Proof of Data Segment Inclusion (PoDSI)
Data uploaded to web3.storage is aggregated together with data from other users of the service. When an aggregate is big enough, it is stored with multiple Filecoin Storage Providers.
Storage Providers have minimum size requirements for data storage. Therefore it is necessary to aggregate data to satisfy the requirements. The minimum is typically between 16 and 32GB.
The web3.storage service uses Proof of Data Segment Inclusion (PoDSI), which allows clients to verify the correct aggregation of their data and prove this fact to third parties.
Data uploaded to web3.storage is packed up and sent as CAR files. We call these shards, and each one is referenced by it's shard CID.
# example CAR shard CID
The IPLD codec for a CAR shard CID is
0x0202. You can inspect this CID on cid.ipfs.tech (opens in a new tab). It is not your content root CID - that's a different CID that refers to the root node of a DAG that has been built from your data. The shard CID is a hash of the (CAR) file your DAG has been packed into.
Your content may be split between 1 or more shards.
Piece CIDs are the primary means of referencing data stored in a sector of a Filecoin Storage Provider. Each piece CID is loosely equivalent to a corresponding shard CID.
The piece CIDs used in web3.storage are v2 piece CIDs since these also encode tree height information. On chain and in various chain explorers online you may see v1 piece CIDs displayed. You can convert from v2 to v1 but not v1 to v2, unless you also know the tree height.
# example piece v2 CID
The IPLD codec for the above multihash is
0x1011 (fr32-sha2-256-trunc254-padded-binary-tree). You can inspect this CID on cid.ipfs.tech (opens in a new tab).
PoDSI enables clients using data aggregation services like web3.storage to verify the correct aggregation of their data and allow proving of this fact to third parties.
Put simply, it is a proof that a smaller piece (a segment) has been included in a larger piece (an aggregate).
# example merkle proof showing path from aggregate (piece) CID to segment (piece) CID
The above example does not visualize all the information that a PoDSI contains, just the direct path from aggregate (piece) CID to segment (piece) CID.
A data aggregation proof is a PoDSI, plus information that ties an aggregate piece to a Filecoin Storage Provider.
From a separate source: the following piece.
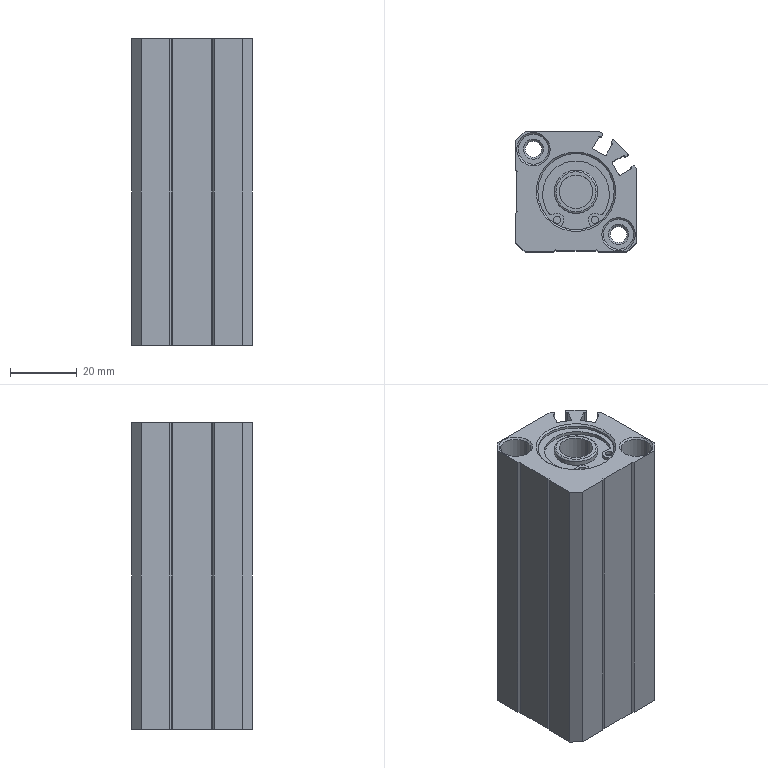Component | SolidWorks | ACQS_20x60_0-2_ACQS_20x6060_b-1 | 1 solid | 150 faces | volume 76906 mm3 | cylinder 68 | plane 52 | cone 28 | torus 2 | commonest cylinder face diameters 0.8 x14 9 x8 0.4 x6 20 x5 13 x4 1 x4 22.8 x4 4.134 x4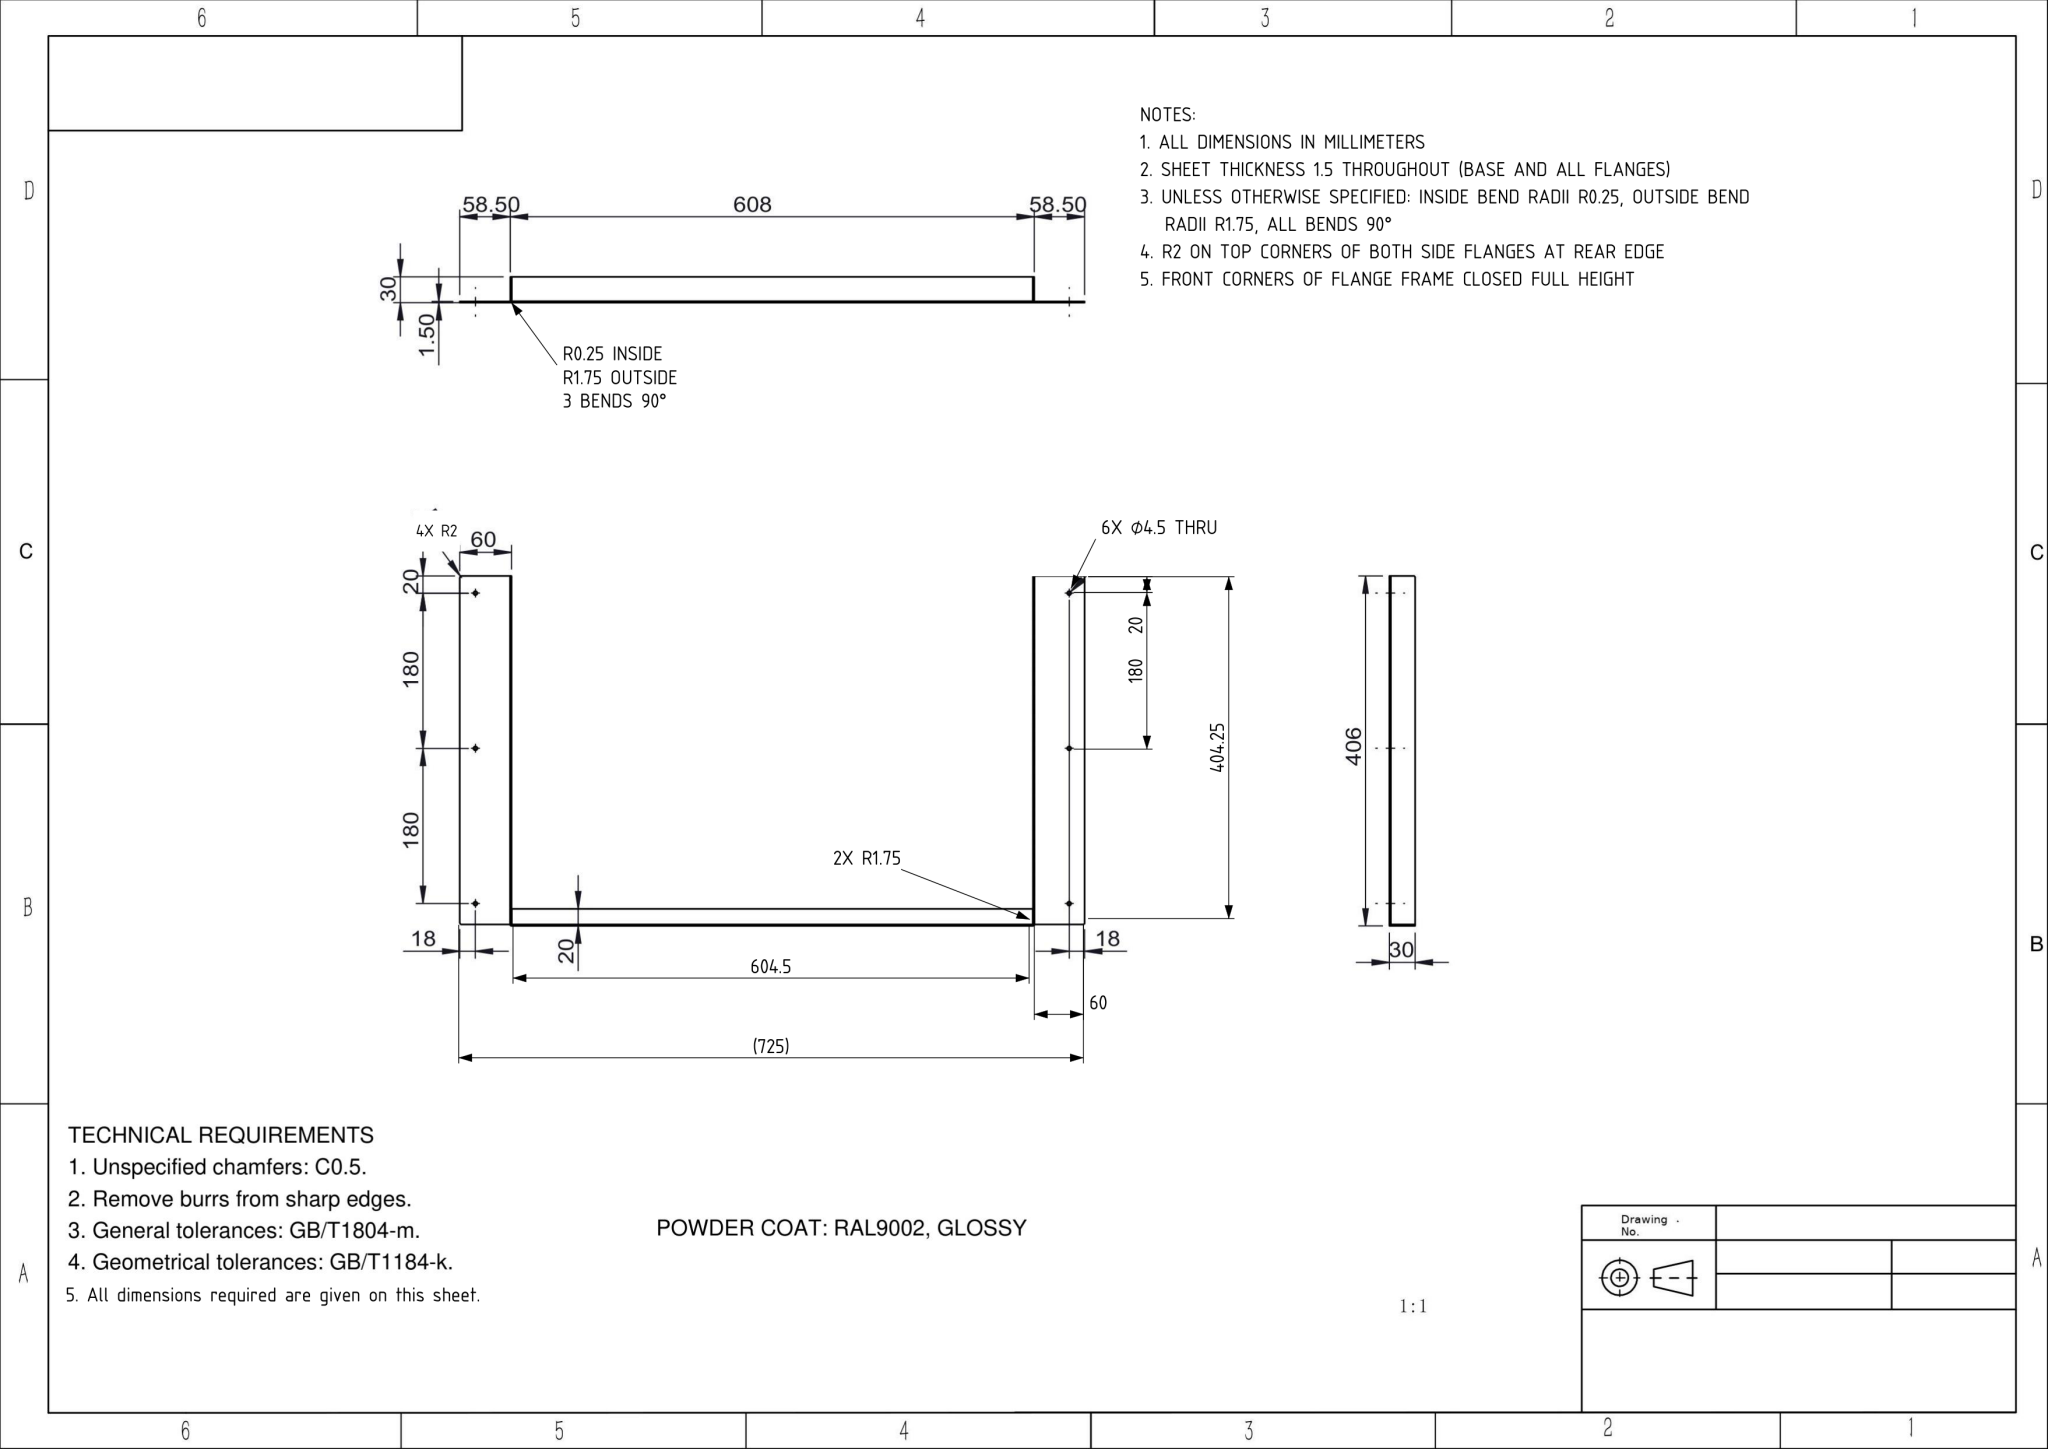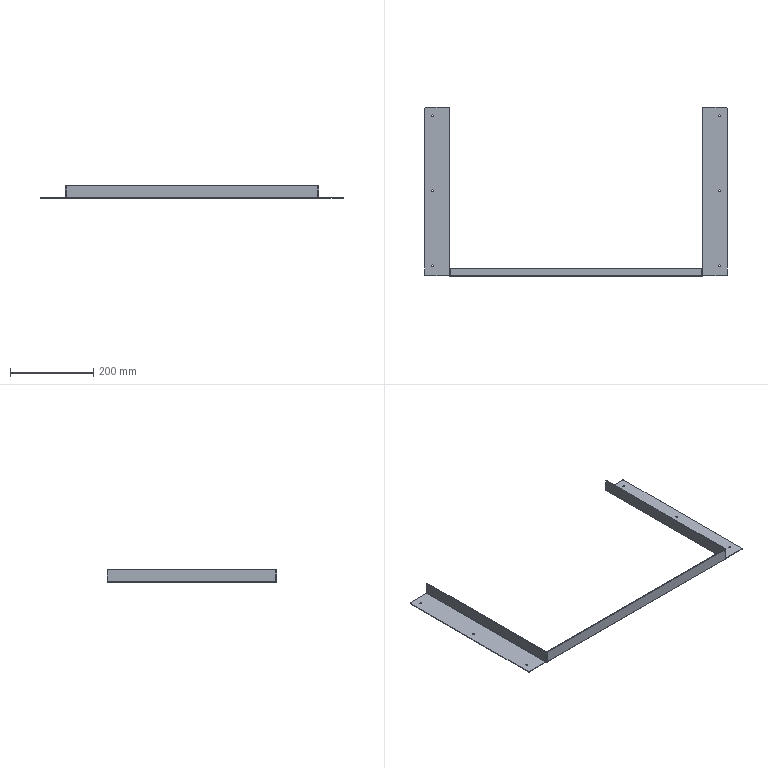Part | NX | mm | 1 solid | 68 faces | box 725 x 406 x 30 mm | volume 150387 mm3 | plane 40 | cylinder 28 | commonest cylinder face diameters 4.5 x12 4 x6 0.5 x5 3.5 x5

At time of writing this one or more Deal IDs.
The web3.storage aggregation pipeline is fully verifiable thanks to UCANs. Your piece can be tracked through the pipeline via signed UCAN receipts.
There are 4 roles in the aggregation pipeline:
- Storefront - facilitates data storage services to applications and users, getting the requested data stored into Filecoin deals asynchronously.
- Aggregator - aggregates smaller data (Filecoin Pieces) into a larger piece that can effectively be stored with a Filecoin Storage Provider.
- Dealer - arranges deals with Filecoin Storage Probviders for the aggregates.
- Deal Tracker - follows the filecoin chain to keep track of successful deals.
Roughly speaking, a piece progresses through the pipeline via the following stages:
The client submits a piece to the storefront (web3.storage) for aggregation and storage in Filecoin storage providers. The receipt for this invocation contains two links for async tasks:
filecoin/submit- allows the client to continue following the receipt chain through the aggregation pipeline. It is executed after the storefront has verified the piece CID corresponds to the shard CID.
filecoin/accept- a "short cut" to the end of the pipeline, where the data aggregation proof will eventually become available. It is executed when the dealer has successfully stored an aggregate containing the submitted piece in one or more Filecoin Storage Providers.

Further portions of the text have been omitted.